If you run out of stuff to do go see our buddy Murph.. tell him Pat and Rich from Canada sent ya 

http://www.nashvilleprohammond.com/

Oh I actually bought a guitar from Grunns.... in the late 70's


----------



## mhammer (Nov 30, 2007)

So, a stroll down Broadway on a Sunday night reveals no less talent that a Friday or Saturday would. Went to several clubs, some with multiple bands playing for tips at opposite ends of the club, all of the clubs lined with autographed b&w glossies of country music legends. I was reminded of the old Lovin' Spoonful tune "Nashville Cats":

"Well, there's thirteen hundred and fifty two
Guitar pickers in Nashville
And they can pick more notes than the number of ants
On a Tennessee anthill
Yeah, there's thirteen hundred and fifty two
Guitar cases in Nashville
And any one that unpacks his guitar could play
Twice as better than I will"

Well, they might not all play "clean as country water" anymore, and I think the 1352 estimate is a little on the low side, but the "twice as better than I will" sure holds up me.
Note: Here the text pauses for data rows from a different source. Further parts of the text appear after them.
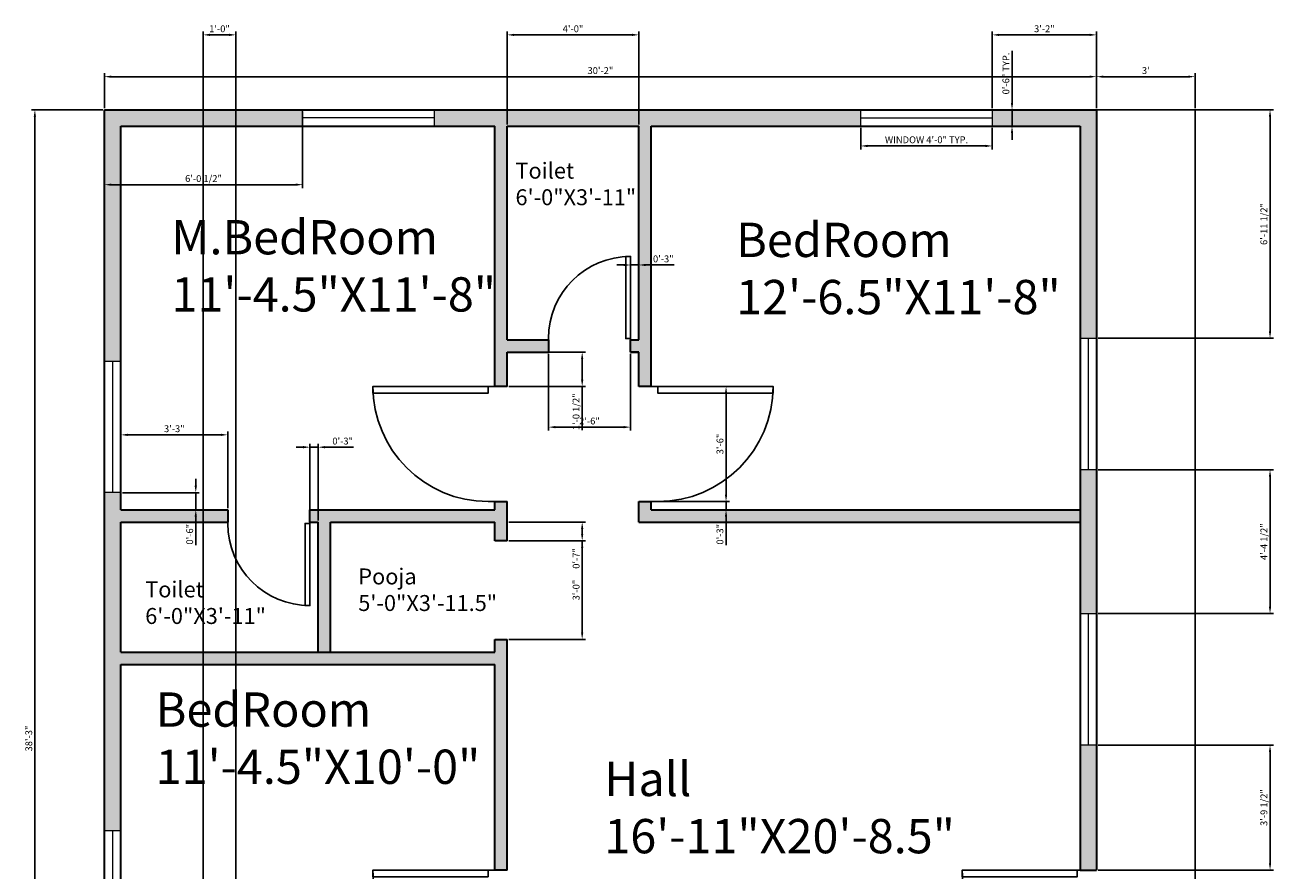
# Model space of a CAD drawing. Units: inches. Extents: x 1129603 to 1130059, y 1058961 to 1059552.
# Tile 2 of 2: x 1129603 to 1130059, y 1059243 to 1059552. Entities that reach past the tile are written whole.
import ezdxf

# ---------------------------------------------------------------- set-up
doc = ezdxf.new("R2010")
doc.units = ezdxf.units.IN
for name, color, linetype, lineweight in [('A-ANNO-DIMS', 2, 'Continuous', 18), ('A-AREA-IDEN', 7, 'Continuous', 25), ('A-DOOR', 3, 'Continuous', 25), ('A-GLAZ', 4, 'Continuous', 18), ('A-WALL-PATT', 9, 'Continuous', 13), ('C-PROP', 8, 'Continuous', 25), ('walls', 7, 'Continuous', 35)]:
    doc.layers.add(name, color=color, linetype=linetype, lineweight=lineweight)
doc.styles.get("Standard").update_dxf_attribs({"font": 'arial.ttf'})
doc.dimstyles.new('ISO-25', dxfattribs={"dimtxt": 2.5, "dimasz": 2.5, "dimexe": 1.25, "dimexo": 0.625, "dimtad": 1, "dimlunit": 4, "dimtxsty": 'Standard', "dimcen": 2.5, "dimadec": 0, "dimazin": 0, "dimtfac": 1, "dimtmove": 0, "dimatfit": 3, "dimfxl": 1, "dimarcsym": 0})

# ---------------------------------------------------------------- blocks, each defined once
blk = doc.blocks.new('*U2')
for p, q in [((0, 0), (0, -5)), ((30, 0), (30, -5))]:
    blk.add_line(p, q)
blk.add_lwpolyline([(0, 0), (0, 30), (1.75, 30), (1.75, 0)], close=True)
blk.add_arc((0, 0), 30, 0, 90)
blk = doc.blocks.new('*D3')
at = {"layer": 'A-ANNO-DIMS', "color": 0, "lineweight": -2, "transparency": 16777216}
for p, q in [((1129631.62, 1059521.5), (1129631.62, 1059534.21)), ((1129993.62, 1059521.5), (1129993.62, 1059534.21)), ((1129634.12, 1059532.96), (1129991.12, 1059532.96))]:
    blk.add_line(p, q, dxfattribs=at)
at = {"layer": 'A-ANNO-DIMS', "color": 0, "transparency": 16777216}
for points in [[(1129634.12, 1059533.37), (1129634.12, 1059532.54), (1129631.62, 1059532.96)], [(1129991.12, 1059533.37), (1129991.12, 1059532.54), (1129993.62, 1059532.96)]]:
    blk.add_solid(points, dxfattribs=at)
at = {"layer": 'Defpoints', "color": 0, "transparency": 16777216}
for p in [(1129993.62, 1059532.96), (1129631.62, 1059520.87), (1129993.62, 1059520.87)]:
    blk.add_point(p, dxfattribs=at)
at = {"layer": 'A-ANNO-DIMS', "color": 0, "transparency": 16777216, "insert": (1129812.62, 1059534.86), "char_height": 2.5, "attachment_point": 5}
blk.add_mtext('30\'-2"', dxfattribs=at)
blk = doc.blocks.new('*D4')
at = {"layer": 'A-ANNO-DIMS', "color": 0, "lineweight": -2, "transparency": 16777216}
for p, q in [((1129993.62, 1059521.5), (1129993.62, 1059534.21)), ((1130029.62, 1059521.5), (1130029.62, 1059534.21)), ((1129996.12, 1059532.96), (1130027.12, 1059532.96))]:
    blk.add_line(p, q, dxfattribs=at)
at = {"layer": 'A-ANNO-DIMS', "color": 0, "transparency": 16777216}
for points in [[(1129996.12, 1059533.37), (1129996.12, 1059532.54), (1129993.62, 1059532.96)], [(1130027.12, 1059533.37), (1130027.12, 1059532.54), (1130029.62, 1059532.96)]]:
    blk.add_solid(points, dxfattribs=at)
at = {"layer": 'Defpoints', "color": 0, "transparency": 16777216}
for p in [(1130029.62, 1059532.96), (1129993.62, 1059520.87), (1130029.62, 1059520.87)]:
    blk.add_point(p, dxfattribs=at)
at = {"layer": 'A-ANNO-DIMS', "color": 0, "transparency": 16777216, "insert": (1130011.62, 1059534.86), "char_height": 2.5, "attachment_point": 5}
blk.add_mtext("3'", dxfattribs=at)
blk = doc.blocks.new('*D5')
at = {"layer": 'A-ANNO-DIMS', "color": 0, "lineweight": -2, "transparency": 16777216}
for p, q in [((1129630.99, 1059520.87), (1129605, 1059520.87)), ((1129606.25, 1059518.37), (1129606.25, 1059064.37)), ((1129630.99, 1059061.87), (1129605, 1059061.87))]:
    blk.add_line(p, q, dxfattribs=at)
at = {"layer": 'A-ANNO-DIMS', "color": 0, "transparency": 16777216}
for points in [[(1129605.83, 1059518.37), (1129606.66, 1059518.37), (1129606.25, 1059520.87)], [(1129605.83, 1059064.37), (1129606.66, 1059064.37), (1129606.25, 1059061.87)]]:
    blk.add_solid(points, dxfattribs=at)
at = {"layer": 'Defpoints', "color": 0, "transparency": 16777216}
for p in [(1129631.62, 1059520.87), (1129606.25, 1059061.87), (1129631.62, 1059061.87)]:
    blk.add_point(p, dxfattribs=at)
at = {"layer": 'A-ANNO-DIMS', "color": 0, "transparency": 16777216, "insert": (1129604.34, 1059291.37), "char_height": 2.5, "attachment_point": 5, "rotation": 90}
blk.add_mtext('38\'-3"', dxfattribs=at)
blk = doc.blocks.new('WIN-48IN')
for p, q in [((0, 6), (48, 6)), ((0, 0), (0, 6)), ((48, 6), (48, 0)), ((0, 3), (48, 3)), ((48, 0), (0, 0))]:
    blk.add_line(p, q)
blk = doc.blocks.new('*D8')
at = {"layer": 'A-ANNO-DIMS', "color": 0, "lineweight": -2, "transparency": 16777216}
for p, q in [((1129907.61, 1059514.25), (1129907.61, 1059506.42)), ((1129955.61, 1059514.25), (1129955.61, 1059506.42)), ((1129910.11, 1059507.67), (1129953.11, 1059507.67))]:
    blk.add_line(p, q, dxfattribs=at)
at = {"layer": 'A-ANNO-DIMS', "color": 0, "transparency": 16777216}
for points in [[(1129910.11, 1059508.09), (1129910.11, 1059507.26), (1129907.61, 1059507.67)], [(1129953.11, 1059508.09), (1129953.11, 1059507.26), (1129955.61, 1059507.67)]]:
    blk.add_solid(points, dxfattribs=at)
at = {"layer": 'Defpoints', "color": 0, "transparency": 16777216}
for p in [(1129907.61, 1059514.87), (1129955.61, 1059514.87), (1129955.61, 1059507.67)]:
    blk.add_point(p, dxfattribs=at)
at = {"layer": 'A-ANNO-DIMS', "color": 0, "transparency": 16777216, "insert": (1129931.61, 1059509.59), "char_height": 2.5, "attachment_point": 5}
blk.add_mtext('WINDOW 4\'-0" TYP.', dxfattribs=at)
blk = doc.blocks.new('*D9')
at = {"layer": 'A-ANNO-DIMS', "color": 0, "lineweight": -2, "transparency": 16777216}
for p, q in [((1129962.81, 1059523.37), (1129962.81, 1059542.36)), ((1129956.23, 1059520.87), (1129964.06, 1059520.87)), ((1129962.81, 1059514.87), (1129962.81, 1059520.87)), ((1129956.23, 1059514.87), (1129964.06, 1059514.87)), ((1129962.81, 1059512.37), (1129962.81, 1059509.87))]:
    blk.add_line(p, q, dxfattribs=at)
at = {"layer": 'A-ANNO-DIMS', "color": 0, "transparency": 16777216}
for points in [[(1129962.39, 1059523.37), (1129963.23, 1059523.37), (1129962.81, 1059520.87)], [(1129962.39, 1059512.37), (1129963.23, 1059512.37), (1129962.81, 1059514.87)]]:
    blk.add_solid(points, dxfattribs=at)
at = {"layer": 'Defpoints', "color": 0, "transparency": 16777216}
for p in [(1129955.61, 1059520.87), (1129962.81, 1059520.87), (1129955.61, 1059514.87)]:
    blk.add_point(p, dxfattribs=at)
at = {"layer": 'A-ANNO-DIMS', "color": 0, "transparency": 16777216, "insert": (1129960.91, 1059534.12), "char_height": 2.5, "attachment_point": 5, "rotation": 90}
blk.add_mtext('0\'-6" TYP.', dxfattribs=at)
blk = doc.blocks.new('*D10')
at = {"layer": 'A-ANNO-DIMS', "color": 0, "lineweight": -2, "transparency": 16777216}
for p, q in [((1129631.62, 1059520.25), (1129631.62, 1059492.28)), ((1129703.95, 1059520.25), (1129703.95, 1059492.28)), ((1129701.45, 1059493.53), (1129634.12, 1059493.53))]:
    blk.add_line(p, q, dxfattribs=at)
at = {"layer": 'A-ANNO-DIMS', "color": 0, "transparency": 16777216}
for points in [[(1129634.12, 1059493.95), (1129634.12, 1059493.12), (1129631.62, 1059493.53)], [(1129701.45, 1059493.95), (1129701.45, 1059493.12), (1129703.95, 1059493.53)]]:
    blk.add_solid(points, dxfattribs=at)
at = {"layer": 'Defpoints', "color": 0, "transparency": 16777216}
for p in [(1129631.62, 1059520.87), (1129703.95, 1059520.87), (1129631.62, 1059493.53)]:
    blk.add_point(p, dxfattribs=at)
at = {"layer": 'A-ANNO-DIMS', "color": 0, "transparency": 16777216, "insert": (1129667.78, 1059495.45), "char_height": 2.5, "attachment_point": 5}
blk.add_mtext('6\'-0 1/2"', dxfattribs=at)
blk = doc.blocks.new('*D11')
at = {"layer": 'A-ANNO-DIMS', "color": 0, "lineweight": -2, "transparency": 16777216}
for p, q in [((1129955.61, 1059521.5), (1129955.61, 1059549.47)), ((1129958.11, 1059548.22), (1129991.12, 1059548.22)), ((1129993.62, 1059521.5), (1129993.62, 1059549.47))]:
    blk.add_line(p, q, dxfattribs=at)
at = {"layer": 'A-ANNO-DIMS', "color": 0, "transparency": 16777216}
for points in [[(1129958.11, 1059548.63), (1129958.11, 1059547.8), (1129955.61, 1059548.22)], [(1129991.12, 1059548.63), (1129991.12, 1059547.8), (1129993.62, 1059548.22)]]:
    blk.add_solid(points, dxfattribs=at)
at = {"layer": 'Defpoints', "color": 0, "transparency": 16777216}
for p in [(1129993.62, 1059548.22), (1129955.61, 1059520.87), (1129993.62, 1059520.87)]:
    blk.add_point(p, dxfattribs=at)
at = {"layer": 'A-ANNO-DIMS', "color": 0, "transparency": 16777216, "insert": (1129974.61, 1059550.12), "char_height": 2.5, "attachment_point": 5}
blk.add_mtext('3\'-2"', dxfattribs=at)
blk = doc.blocks.new('*D12')
at = {"layer": 'A-ANNO-DIMS', "color": 0, "lineweight": -2, "transparency": 16777216}
for p, q in [((1129664.96, 1059383.61), (1129664.96, 1059386.11)), ((1129638.24, 1059381.11), (1129666.21, 1059381.11)), ((1129664.96, 1059381.11), (1129664.96, 1059374.87)), ((1129638.24, 1059374.87), (1129666.21, 1059374.87)), ((1129664.96, 1059372.37), (1129664.96, 1059361.98))]:
    blk.add_line(p, q, dxfattribs=at)
at = {"layer": 'A-ANNO-DIMS', "color": 0, "transparency": 16777216}
for points in [[(1129664.54, 1059383.61), (1129665.37, 1059383.61), (1129664.96, 1059381.11)], [(1129664.54, 1059372.37), (1129665.37, 1059372.37), (1129664.96, 1059374.87)]]:
    blk.add_solid(points, dxfattribs=at)
at = {"layer": 'Defpoints', "color": 0, "transparency": 16777216}
for p in [(1129637.62, 1059381.11), (1129637.62, 1059374.87), (1129664.96, 1059374.87)]:
    blk.add_point(p, dxfattribs=at)
at = {"layer": 'A-ANNO-DIMS', "color": 0, "transparency": 16777216, "insert": (1129663.06, 1059365.93), "char_height": 2.5, "attachment_point": 5, "rotation": 90}
blk.add_mtext('0\'-6"', dxfattribs=at)
blk = doc.blocks.new('*D14')
at = {"layer": 'A-ANNO-DIMS', "color": 0, "lineweight": -2, "transparency": 16777216}
for p, q in [((1129994.24, 1059520.87), (1130058.21, 1059520.87)), ((1130056.96, 1059439.98), (1130056.96, 1059518.37)), ((1129994.24, 1059437.48), (1130058.21, 1059437.48))]:
    blk.add_line(p, q, dxfattribs=at)
at = {"layer": 'A-ANNO-DIMS', "color": 0, "transparency": 16777216}
for points in [[(1130056.54, 1059518.37), (1130057.37, 1059518.37), (1130056.96, 1059520.87)], [(1130056.54, 1059439.98), (1130057.37, 1059439.98), (1130056.96, 1059437.48)]]:
    blk.add_solid(points, dxfattribs=at)
at = {"layer": 'Defpoints', "color": 0, "transparency": 16777216}
for p in [(1129993.62, 1059520.87), (1130056.96, 1059520.87), (1129993.62, 1059437.48)]:
    blk.add_point(p, dxfattribs=at)
at = {"layer": 'A-ANNO-DIMS', "color": 0, "transparency": 16777216, "insert": (1130055.04, 1059479.18), "char_height": 2.5, "attachment_point": 5, "rotation": 90}
blk.add_mtext('6\'-11 1/2"', dxfattribs=at)
blk = doc.blocks.new('*D15')
at = {"layer": 'A-ANNO-DIMS', "color": 0, "lineweight": -2, "transparency": 16777216}
for p, q in [((1129994.24, 1059389.48), (1130058.21, 1059389.48)), ((1130056.96, 1059339.47), (1130056.96, 1059386.98)), ((1129994.24, 1059336.97), (1130058.21, 1059336.97))]:
    blk.add_line(p, q, dxfattribs=at)
at = {"layer": 'A-ANNO-DIMS', "color": 0, "transparency": 16777216}
for points in [[(1130056.54, 1059386.98), (1130057.37, 1059386.98), (1130056.96, 1059389.48)], [(1130056.54, 1059339.47), (1130057.37, 1059339.47), (1130056.96, 1059336.97)]]:
    blk.add_solid(points, dxfattribs=at)
at = {"layer": 'Defpoints', "color": 0, "transparency": 16777216}
for p in [(1129993.62, 1059389.48), (1130056.96, 1059389.48), (1129993.62, 1059336.97)]:
    blk.add_point(p, dxfattribs=at)
at = {"layer": 'A-ANNO-DIMS', "color": 0, "transparency": 16777216, "insert": (1130055.04, 1059363.22), "char_height": 2.5, "attachment_point": 5, "rotation": 90}
blk.add_mtext('4\'-4 1/2"', dxfattribs=at)
blk = doc.blocks.new('*D16')
at = {"layer": 'A-ANNO-DIMS', "color": 0, "lineweight": -2, "transparency": 16777216}
for p, q in [((1129994.24, 1059288.97), (1130058.21, 1059288.97)), ((1130056.96, 1059245.87), (1130056.96, 1059286.47)), ((1129994.24, 1059243.37), (1130058.21, 1059243.37))]:
    blk.add_line(p, q, dxfattribs=at)
at = {"layer": 'A-ANNO-DIMS', "color": 0, "transparency": 16777216}
for points in [[(1130056.54, 1059286.47), (1130057.37, 1059286.47), (1130056.96, 1059288.97)], [(1130056.54, 1059245.87), (1130057.37, 1059245.87), (1130056.96, 1059243.37)]]:
    blk.add_solid(points, dxfattribs=at)
at = {"layer": 'Defpoints', "color": 0, "transparency": 16777216}
for p in [(1129993.62, 1059288.97), (1130056.96, 1059288.97), (1129993.62, 1059243.37)]:
    blk.add_point(p, dxfattribs=at)
at = {"layer": 'A-ANNO-DIMS', "color": 0, "transparency": 16777216, "insert": (1130055.04, 1059266.17), "char_height": 2.5, "attachment_point": 5, "rotation": 90}
blk.add_mtext('3\'-9 1/2"', dxfattribs=at)
blk = doc.blocks.new('*D23')
at = {"layer": 'A-ANNO-DIMS', "color": 0, "lineweight": -2, "transparency": 16777216}
for p, q in [((1129667.62, 1058990.5), (1129667.62, 1059549.47)), ((1129670.12, 1059548.22), (1129677.12, 1059548.22)), ((1129679.62, 1058990.5), (1129679.62, 1059549.47))]:
    blk.add_line(p, q, dxfattribs=at)
at = {"layer": 'A-ANNO-DIMS', "color": 0, "transparency": 16777216}
for points in [[(1129670.12, 1059548.63), (1129670.12, 1059547.8), (1129667.62, 1059548.22)], [(1129677.12, 1059548.63), (1129677.12, 1059547.8), (1129679.62, 1059548.22)]]:
    blk.add_solid(points, dxfattribs=at)
at = {"layer": 'Defpoints', "color": 0, "transparency": 16777216}
for p in [(1129679.62, 1059548.22), (1129667.62, 1058989.87), (1129679.62, 1058989.87)]:
    blk.add_point(p, dxfattribs=at)
at = {"layer": 'A-ANNO-DIMS', "color": 0, "transparency": 16777216, "insert": (1129673.62, 1059550.12), "char_height": 2.5, "attachment_point": 5}
blk.add_mtext('1\'-0"', dxfattribs=at)
blk = doc.blocks.new('*D29')
at = {"layer": 'A-ANNO-DIMS', "color": 0, "lineweight": -2, "transparency": 16777216}
for p, q in [((1129831.74, 1059419.87), (1129859.71, 1059419.87)), ((1129858.46, 1059417.37), (1129858.46, 1059380.37)), ((1129831.74, 1059377.87), (1129859.71, 1059377.87))]:
    blk.add_line(p, q, dxfattribs=at)
at = {"layer": 'A-ANNO-DIMS', "color": 0, "transparency": 16777216}
for points in [[(1129858.04, 1059417.37), (1129858.87, 1059417.37), (1129858.46, 1059419.87)], [(1129858.04, 1059380.37), (1129858.87, 1059380.37), (1129858.46, 1059377.87)]]:
    blk.add_solid(points, dxfattribs=at)
at = {"layer": 'Defpoints', "color": 0, "transparency": 16777216}
for p in [(1129831.12, 1059419.87), (1129831.12, 1059377.87), (1129858.46, 1059377.87)]:
    blk.add_point(p, dxfattribs=at)
at = {"layer": 'A-ANNO-DIMS', "color": 0, "transparency": 16777216, "insert": (1129856.56, 1059398.87), "char_height": 2.5, "attachment_point": 5, "rotation": 90}
blk.add_mtext('3\'-6"', dxfattribs=at)
blk = doc.blocks.new('*D30')
at = {"layer": 'A-ANNO-DIMS', "color": 0, "lineweight": -2, "transparency": 16777216}
for p, q in [((1129793.62, 1059431.75), (1129793.62, 1059403.78)), ((1129823.62, 1059431.75), (1129823.62, 1059403.78)), ((1129821.12, 1059405.03), (1129796.12, 1059405.03))]:
    blk.add_line(p, q, dxfattribs=at)
at = {"layer": 'A-ANNO-DIMS', "color": 0, "transparency": 16777216}
for points in [[(1129796.12, 1059405.45), (1129796.12, 1059404.62), (1129793.62, 1059405.03)], [(1129821.12, 1059405.45), (1129821.12, 1059404.62), (1129823.62, 1059405.03)]]:
    blk.add_solid(points, dxfattribs=at)
at = {"layer": 'Defpoints', "color": 0, "transparency": 16777216}
for p in [(1129793.62, 1059432.37), (1129823.62, 1059432.37), (1129793.62, 1059405.03)]:
    blk.add_point(p, dxfattribs=at)
at = {"layer": 'A-ANNO-DIMS', "color": 0, "transparency": 16777216, "insert": (1129808.62, 1059406.93), "char_height": 2.5, "attachment_point": 5}
blk.add_mtext('2\'-6"', dxfattribs=at)
blk = doc.blocks.new('*D31')
at = {"layer": 'A-ANNO-DIMS', "color": 0, "lineweight": -2, "transparency": 16777216}
for p, q in [((1129779.24, 1059363.55), (1129807.21, 1059363.55)), ((1129805.96, 1059361.05), (1129805.96, 1059330.05)), ((1129779.24, 1059327.55), (1129807.21, 1059327.55))]:
    blk.add_line(p, q, dxfattribs=at)
at = {"layer": 'A-ANNO-DIMS', "color": 0, "transparency": 16777216}
for points in [[(1129805.54, 1059361.05), (1129806.37, 1059361.05), (1129805.96, 1059363.55)], [(1129805.54, 1059330.05), (1129806.37, 1059330.05), (1129805.96, 1059327.55)]]:
    blk.add_solid(points, dxfattribs=at)
at = {"layer": 'Defpoints', "color": 0, "transparency": 16777216}
for p in [(1129778.62, 1059363.55), (1129778.62, 1059327.55), (1129805.96, 1059327.55)]:
    blk.add_point(p, dxfattribs=at)
at = {"layer": 'A-ANNO-DIMS', "color": 0, "transparency": 16777216, "insert": (1129804.06, 1059345.55), "char_height": 2.5, "attachment_point": 5, "rotation": 90}
blk.add_mtext('3\'-0"', dxfattribs=at)
blk = doc.blocks.new('*D32')
at = {"layer": 'A-ANNO-DIMS', "color": 0, "lineweight": -2, "transparency": 16777216}
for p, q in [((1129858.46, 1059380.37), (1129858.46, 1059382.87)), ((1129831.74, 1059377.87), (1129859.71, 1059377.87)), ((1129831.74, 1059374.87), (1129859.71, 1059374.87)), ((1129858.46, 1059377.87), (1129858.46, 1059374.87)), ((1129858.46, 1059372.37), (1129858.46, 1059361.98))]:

Although many of the publicity signs one sees around for "Music City" will have a Les Paul in the photo - after all, Gibsons are made here, so local signs support local businesses - Teles seem to be the weapon of choice. In one of last night's club visits, the band at one end had a guy doing wonders on a Joe Glaser-style 3-pickup Tele, and the other end had a guy with some form of B-bender on his, with a Rat and a Timmy on his pedalboard. 

Visited the home of an old acquaintance yesterday who had a jawdropping array of amps and guitars, some 4 or 5 Strats that I could count, all over 45 years old, one of them a '56 or 57 with a V neck, a 62 Jaguar, a Rickenbacker 12, buncha prewar Martins, with many parlour and smaller-sized bodies, FOUR Fender reverb units, blackface everything (Twin, Vibrolux, Princeton, Super, Deluxe, etc), two Vibratone cabs, and a number of all-original tweeds, including a venerable 5E3 that was actually the only amp I tried.

The guy has spent his academic career studying human attention and the development of automaticity (stuff you can "pay attention to" unconsciously), and in an interesting twist has gotten interested in the psychology of guitar playing, and how people mentally process what they do on the fretboard, both as learners and as experts. In what has to be one of the most fabulous meetings of science and music I've ever seen, Gibson just gave him him three LP Jrs to use for his research. (which we also played). Very odd finish. The usual slab bodies but finished entirely in a thin black semigloss, with a black dog-eared P90 and black pickguard.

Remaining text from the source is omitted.